When R. E. Moore introduced the idea of interval computation in the later 1950s, his motivation was to automatically validate computational results of floating-point operations performed by digital computers. To accomplish the objective, the basic approach he employed was to enclose a real with its lower and upper bounds, respectively, in machine-presentable floating-points as an interval. A new branch of computing, named interval analysis or interval computing, was then developed. Very different from traditional point-valued computation, interval computing performs all operations on interval-valued data. Consequently, interval computing can bound machine representation and rounding errors caused by finite digits floating-point arithmetic with interval-valued data and operations. Moreover, interval computing enables us to enclose other kinds of uncertainties in computing. For instance, interval-valued payoffs in cooperative games are applied in this book to model uncertainty in economic management.

This book consists of three chapters to expand existing knowledge of cooperative games from point-valued payoff to interval-valued. At the very beginning of the first chapter, the author briefly reviews basic concepts of cooperative games, in terms of traditional point-valued payoffs, such as core, imputation, monotonicity, super-additivity, weakly super-additivity, and so on. These concepts are extended to interval-valued payoffs with the capacity of modeling uncertainty in section 1.3. Solving such an interval-valued cooperative game is then presented as an interval-least squares problem of minimizing interval distance. In section 1.4, interval quadratic algorithmic approaches without and with considerations of the efficiency condition of a game are presented. The last section of this chapter provides constructed illustrative examples with computational results.

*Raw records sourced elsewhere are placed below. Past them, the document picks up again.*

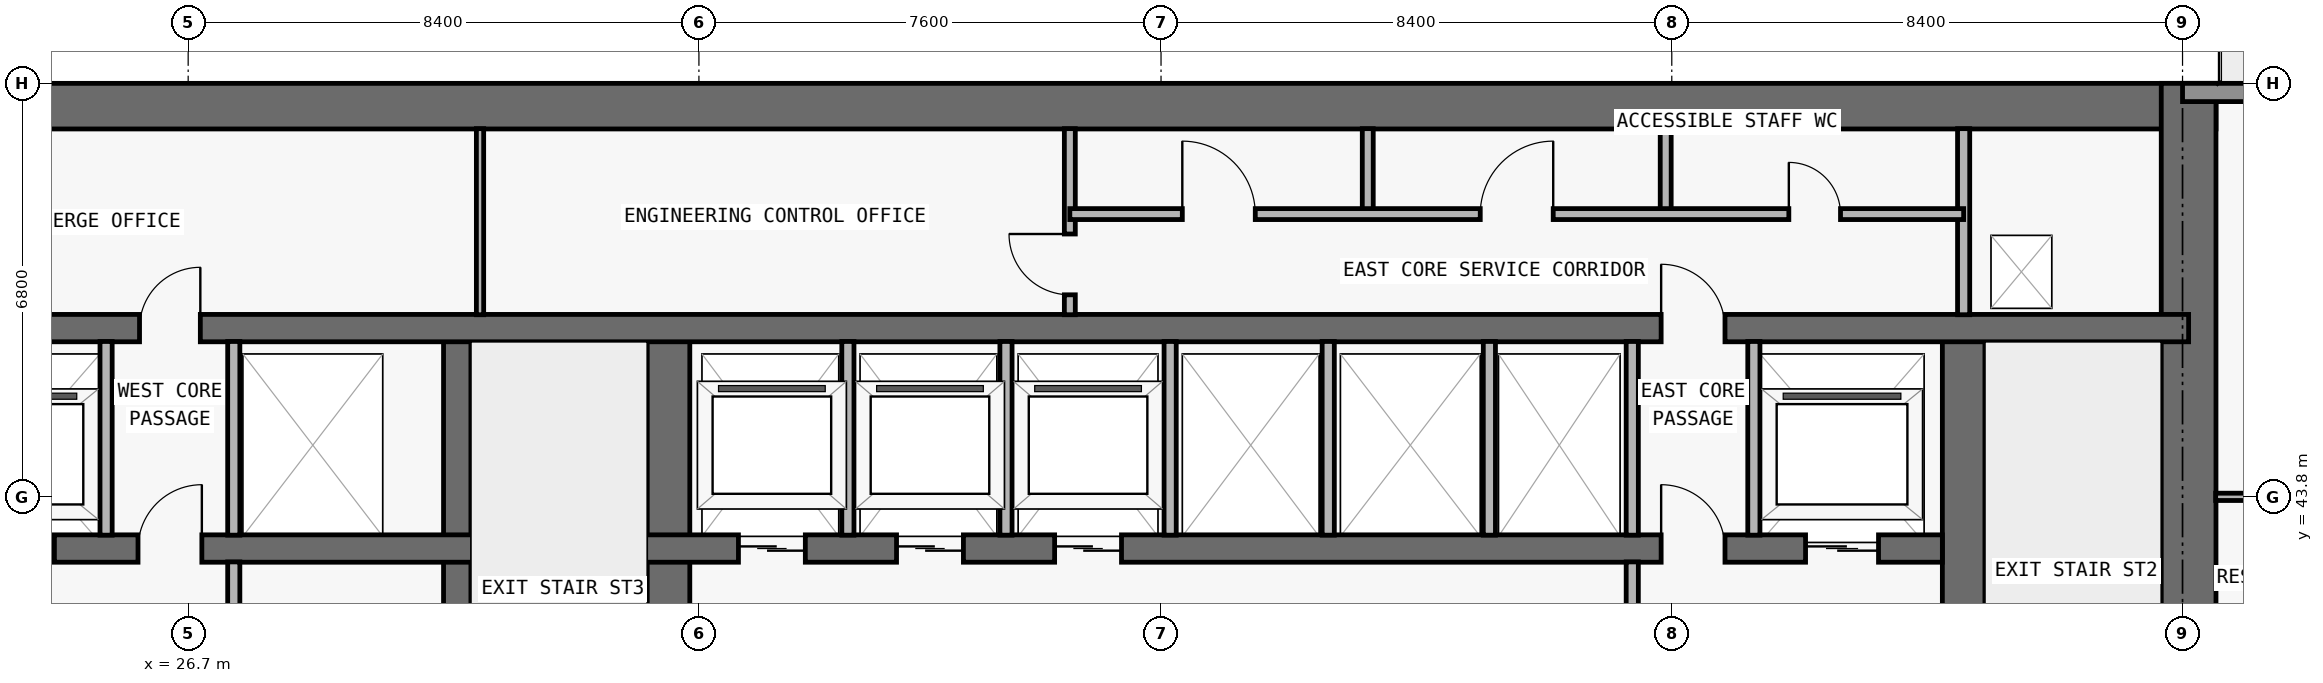
"""IFC4 building model, lengths in metres.
Left out: names, types, materials, properties, quantities, classifications, styles, units other than length and angle.
Written with IfcOpenShell. Run it as: python <this file> out.ifc"""

import sys

from ifc_helpers import new_model, si_unit, direction, frame, frame_2d, origin, place, context, subcontext, project, spatial, rectangle, extrude, element, fill, save


model = new_model("IFC4")
c1 = context("Model", 3, precision=1e-05, world=origin(), true_north=direction((0.0, 1.0)))
c2 = subcontext(c1, "Body", "Model", "MODEL_VIEW")
j1 = project(units=[si_unit("LENGTHUNIT", "METRE"), si_unit("PLANEANGLEUNIT", "RADIAN")], contexts=[c1])
p1 = place(None, origin())
s1 = spatial("IfcSite", under=j1, at=p1, CompositionType="ELEMENT")
p2 = place(p1, origin())
s2 = spatial("IfcBuilding", under=s1, at=p2, CompositionType="ELEMENT")
p3 = place(p2, frame((0.0, 0.0, 59.7)))
s3 = spatial("IfcBuildingStorey", under=s2, at=p3, CompositionType="ELEMENT", Elevation=59.7)
p4 = place(p3, frame((17.75, 50.225, 0.0), z_axis=(0.0, 0.0, 1.0), x_axis=(1.0, 0.0, 0.0)))
e1 = element("IfcWall", 1, at=p4, inside=s3, PredefinedType="SHEAR", context=c2, shape_type="SweptSolid", body=[
    extrude(rectangle(XDim=42.3, YDim=0.75, at=frame_2d((21.15, 0.0))), origin(), (0.0, 0.0, 1.0), 3.05),
])
p5 = place(p3, frame((59.6, 36.45, 0.0), z_axis=(0.0, 0.0, 1.0), x_axis=(0.0, 1.0, 0.0)))
e2 = element("IfcWall", 2, at=p5, inside=s3, PredefinedType="SHEAR", context=c2, shape_type="SweptSolid", body=[
    extrude(rectangle(XDim=14.15, YDim=0.9, at=frame_2d((7.075, 0.0))), origin(), (0.0, 0.0, 1.0), 3.05),
])
p6 = place(p3, frame((55.9, 36.9, 0.0), z_axis=(0.0, 0.0, 1.0), x_axis=(0.0, 1.0, 0.0)))
e3 = element("IfcWall", 3, at=p6, inside=s3, PredefinedType="SHEAR", context=c2, shape_type="SweptSolid", body=[
    extrude(rectangle(XDim=9.675, YDim=0.7, at=frame_2d((4.837, 0.0))), origin(), (0.0, 0.0, 1.0), 3.05),
])
p7 = place(p6, frame((0.65, 0.0, 0.0)))
e4 = element("IfcOpeningElement", 4, at=p7, cuts=e3, PredefinedType="OPENING", context=c2, shape_type="SweptSolid", body=[
    extrude(rectangle(XDim=1.1, YDim=2.15, at=frame_2d((0.55, 1.075))), frame((0.0, 0.36, 0.0), z_axis=(0.0, -1.0, 0.0), x_axis=(1.0, 0.0, 0.0)), (0.0, 0.0, 1.0), 0.72),
])
p8 = place(p3, frame((31.125, 36.9, 0.0), z_axis=(0.0, 0.0, 1.0), x_axis=(0.0, 1.0, 0.0)))
e5 = element("IfcWall", 5, at=p8, inside=s3, PredefinedType="SHEAR", context=c2, shape_type="SweptSolid", body=[
    extrude(rectangle(XDim=9.675, YDim=0.45, at=frame_2d((4.837, 0.0))), origin(), (0.0, 0.0, 1.0), 3.05),
])
p9 = place(p3, frame((34.6, 36.9, 0.0), z_axis=(0.0, 0.0, 1.0), x_axis=(0.0, 1.0, 0.0)))
e6 = element("IfcWall", 6, at=p9, inside=s3, PredefinedType="SHEAR", context=c2, shape_type="SweptSolid", body=[
    extrude(rectangle(XDim=9.675, YDim=0.7, at=frame_2d((4.837, 0.0))), origin(), (0.0, 0.0, 1.0), 3.05),
])
p10 = place(p3, frame((22.25, 42.95, 0.0), z_axis=(0.0, 0.0, 1.0), x_axis=(1.0, 0.0, 0.0)))
e7 = element("IfcWall", 7, at=p10, inside=s3, PredefinedType="SHEAR", context=c2, shape_type="SweptSolid", body=[
    extrude(rectangle(XDim=33.3, YDim=0.45, at=frame_2d((16.65, 0.0))), origin(), (0.0, 0.0, 1.0), 3.05),
])
p11 = place(p10, frame((1.05, 0.0, 0.0)))
e8 = element("IfcOpeningElement", 8, at=p11, cuts=e7, PredefinedType="OPENING", context=c2, shape_type="SweptSolid", body=[
    extrude(rectangle(XDim=1.2, YDim=2.2, at=frame_2d((0.6, 1.1))), frame((0.0, 0.235, 0.0), z_axis=(0.0, -1.0, 0.0), x_axis=(1.0, 0.0, 0.0)), (0.0, 0.0, 1.0), 0.47),
])
p12 = place(p10, frame((31.05, 0.0, 0.0)))
e9 = element("IfcOpeningElement", 9, at=p12, cuts=e7, PredefinedType="OPENING", context=c2, shape_type="SweptSolid", body=[
    extrude(rectangle(XDim=1.2, YDim=2.2, at=frame_2d((0.6, 1.1))), frame((0.0, 0.235, 0.0), z_axis=(0.0, -1.0, 0.0), x_axis=(1.0, 0.0, 0.0)), (0.0, 0.0, 1.0), 0.47),
])
p13 = place(p10, frame((13.5, 0.0, 0.0)))
e10 = element("IfcOpeningElement", 10, at=p13, cuts=e7, PredefinedType="OPENING", context=c2, shape_type="SweptSolid", body=[
    extrude(rectangle(XDim=1.1, YDim=2.2, at=frame_2d((0.55, 1.1))), frame((0.0, 0.235, 0.0), z_axis=(0.0, -1.0, 0.0), x_axis=(1.0, 0.0, 0.0)), (0.0, 0.0, 1.0), 0.47),
])
p14 = place(p10, frame((16.1, 0.0, 0.0)))
e11 = element("IfcOpeningElement", 11, at=p14, cuts=e7, PredefinedType="OPENING", context=c2, shape_type="SweptSolid", body=[
    extrude(rectangle(XDim=1.1, YDim=2.2, at=frame_2d((0.55, 1.1))), frame((0.0, 0.235, 0.0), z_axis=(0.0, -1.0, 0.0), x_axis=(1.0, 0.0, 0.0)), (0.0, 0.0, 1.0), 0.47),
])
p15 = place(p10, frame((18.7, 0.0, 0.0)))
e12 = element("IfcOpeningElement", 12, at=p15, cuts=e7, PredefinedType="OPENING", context=c2, shape_type="SweptSolid", body=[
    extrude(rectangle(XDim=1.1, YDim=2.2, at=frame_2d((0.55, 1.1))), frame((0.0, 0.235, 0.0), z_axis=(0.0, -1.0, 0.0), x_axis=(1.0, 0.0, 0.0)), (0.0, 0.0, 1.0), 0.47),
])
p16 = place(p10, frame((3.625, 0.0, 0.0)))
e13 = element("IfcOpeningElement", 13, at=p16, cuts=e7, PredefinedType="OPENING", context=c2, shape_type="SweptSolid", body=[
    extrude(rectangle(XDim=1.05, YDim=2.15, at=frame_2d((0.525, 1.075))), frame((0.0, 0.235, 0.0), z_axis=(0.0, -1.0, 0.0), x_axis=(1.0, 0.0, 0.0)), (0.0, 0.0, 1.0), 0.47),
])
p17 = place(p10, frame((28.675, 0.0, 0.0)))
e14 = element("IfcOpeningElement", 14, at=p17, cuts=e7, PredefinedType="OPENING", context=c2, shape_type="SweptSolid", body=[
    extrude(rectangle(XDim=1.05, YDim=2.15, at=frame_2d((0.525, 1.075))), frame((0.0, 0.235, 0.0), z_axis=(0.0, -1.0, 0.0), x_axis=(1.0, 0.0, 0.0)), (0.0, 0.0, 1.0), 0.47),
])
p18 = place(p3, frame((18.2, 46.575, 0.0), z_axis=(0.0, 0.0, 1.0), x_axis=(1.0, 0.0, 0.0)))
e15 = element("IfcWall", 15, at=p18, inside=s3, PredefinedType="SHEAR", context=c2, shape_type="SweptSolid", body=[
    extrude(rectangle(XDim=41.4, YDim=0.45, at=frame_2d((20.7, 0.0))), origin(), (0.0, 0.0, 1.0), 3.05),
])
p19 = place(p18, frame((7.7, 0.0, 0.0)))
e16 = element("IfcOpeningElement", 16, at=p19, cuts=e15, PredefinedType="OPENING", context=c2, shape_type="SweptSolid", body=[
    extrude(rectangle(XDim=1.0, YDim=2.2, at=frame_2d((0.5, 1.1))), frame((0.0, 0.235, 0.0), z_axis=(0.0, -1.0, 0.0), x_axis=(1.0, 0.0, 0.0)), (0.0, 0.0, 1.0), 0.47),
])
p20 = place(p18, frame((32.725, 0.0, 0.0)))
e17 = element("IfcOpeningElement", 17, at=p20, cuts=e15, PredefinedType="OPENING", context=c2, shape_type="SweptSolid", body=[
    extrude(rectangle(XDim=1.05, YDim=2.15, at=frame_2d((0.525, 1.075))), frame((0.0, 0.235, 0.0), z_axis=(0.0, -1.0, 0.0), x_axis=(1.0, 0.0, 0.0)), (0.0, 0.0, 1.0), 0.47),
])
p21 = place(p3, frame((59.5, 50.45, 0.0), z_axis=(0.0, 0.0, 1.0), x_axis=(1.0, 0.0, 0.0)))
e18 = element("IfcWall", 18, at=p21, inside=s3, PredefinedType="STANDARD", context=c2, shape_type="SweptSolid", body=[
    extrude(rectangle(XDim=13.2, YDim=0.3, at=frame_2d((6.6, 0.0))), origin(), (0.0, 0.0, 1.0), 3.05),
])
p22 = place(p21, frame((5.6, 0.0, 0.0)))
e19 = element("IfcOpeningElement", 19, at=p22, cuts=e18, PredefinedType="OPENING", context=c2, shape_type="SweptSolid", body=[
    extrude(rectangle(XDim=2.0, YDim=2.3, at=frame_2d((1.0, 1.15))), frame((0.0, 0.16, 0.0), z_axis=(0.0, -1.0, 0.0), x_axis=(1.0, 0.0, 0.0)), (0.0, 0.0, 1.0), 0.32),
])
p23 = place(p3, frame((25.35, 43.17, 0.0), z_axis=(0.0, 0.0, 1.0), x_axis=(0.0, 1.0, 0.0)))
e20 = element("IfcWall", 20, at=p23, inside=s3, PredefinedType="PARTITIONING", context=c2, shape_type="SweptSolid", body=[
    extrude(rectangle(XDim=3.185, YDim=0.2, at=frame_2d((1.593, 0.0))), origin(), (0.0, 0.0, 1.0), 3.05),
])
p24 = place(p3, frame((27.45, 37.345, 0.0), z_axis=(0.0, 0.0, 1.0), x_axis=(0.0, 1.0, 0.0)))
e21 = element("IfcWall", 21, at=p24, inside=s3, PredefinedType="PARTITIONING", context=c2, shape_type="SweptSolid", body=[
    extrude(rectangle(XDim=5.385, YDim=0.2, at=frame_2d((2.692, 0.0))), origin(), (0.0, 0.0, 1.0), 3.05),
])
p25 = place(p3, frame((27.45, 43.17, 0.0), z_axis=(0.0, 0.0, 1.0), x_axis=(0.0, 1.0, 0.0)))
e22 = element("IfcWall", 22, at=p25, inside=s3, PredefinedType="PARTITIONING", context=c2, shape_type="SweptSolid", body=[
    extrude(rectangle(XDim=3.185, YDim=0.2, at=frame_2d((1.593, 0.0))), origin(), (0.0, 0.0, 1.0), 3.05),
])
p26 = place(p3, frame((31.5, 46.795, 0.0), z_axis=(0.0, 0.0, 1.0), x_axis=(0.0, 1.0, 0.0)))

The focus of chapter 2 is on satisfactory interval-valued cores of interval-valued cooperative games. The author measures the degree of satisfaction of an interval-valued core with a fuzzy partial order relation between intervals established earlier by other researchers in the field. In this chapter, a bisection approach of finding an interval-valued core is proposed. Constructed examples show that an interval-valued cooperative game may or may not have an interval-valued core if using Moore’s order relations between intervals. Therefore, it is a good idea for using the fuzzy partial order relation.

In cooperative game theory, Shapley value is an important solution that assigns a unique distribution (among the players) of a total surplus generated by the coalition of all players. The last chapter of this book discusses direct and effective methods in finding interval-valued egalitarian Shapley value for interval-valued cooperative games with simplifications such as equal division and equal surplus division. The chapter further generalizes solidarity, and Banzhaf values of cooperative games to interval-valued ones.

Through its three chapters, this book expands cooperative games, theoretically, from point-valued to interval-valued ones. This expansion uses interval-valued data and allows users to take uncertainties into consideration when applying cooperative games theory in decision making. This book can benefit a broad range of readers in computing beyond those using cooperative game theory. One of the most significant challenges in computing is to effectively handle various kinds of uncertainties, both theoretically and practically, ranging from imprecise data measurement to imperfect modeling.

This book presents a good example of expanding existing knowledge with interval methods in addition to many other successful applications of interval computing. The author very correctly points out that interval computing has its own properties. Some of them can be significantly different from traditional point-valued computation and, hence, may raise issues in software implementation. However, recent developments in interval computing have resulted in a formal standard approved by the IEEE Standard Association, the IEEE Standard for Interval Arithmetic (IEEE 1788-2015). Standard-conforming software tools should make implementations of interval computing applications much easier than they were before.

What is computing about fundamentally? It is about nothing but processing data to produce information. Interval-valued data is an addition to traditional point-valued methods. It has made and will continue to make positive impacts on the broad field of computing. To this perspective, this book can be a good reference for those who are interested in bringing interval computing as an additional tool into their computing practice in any field.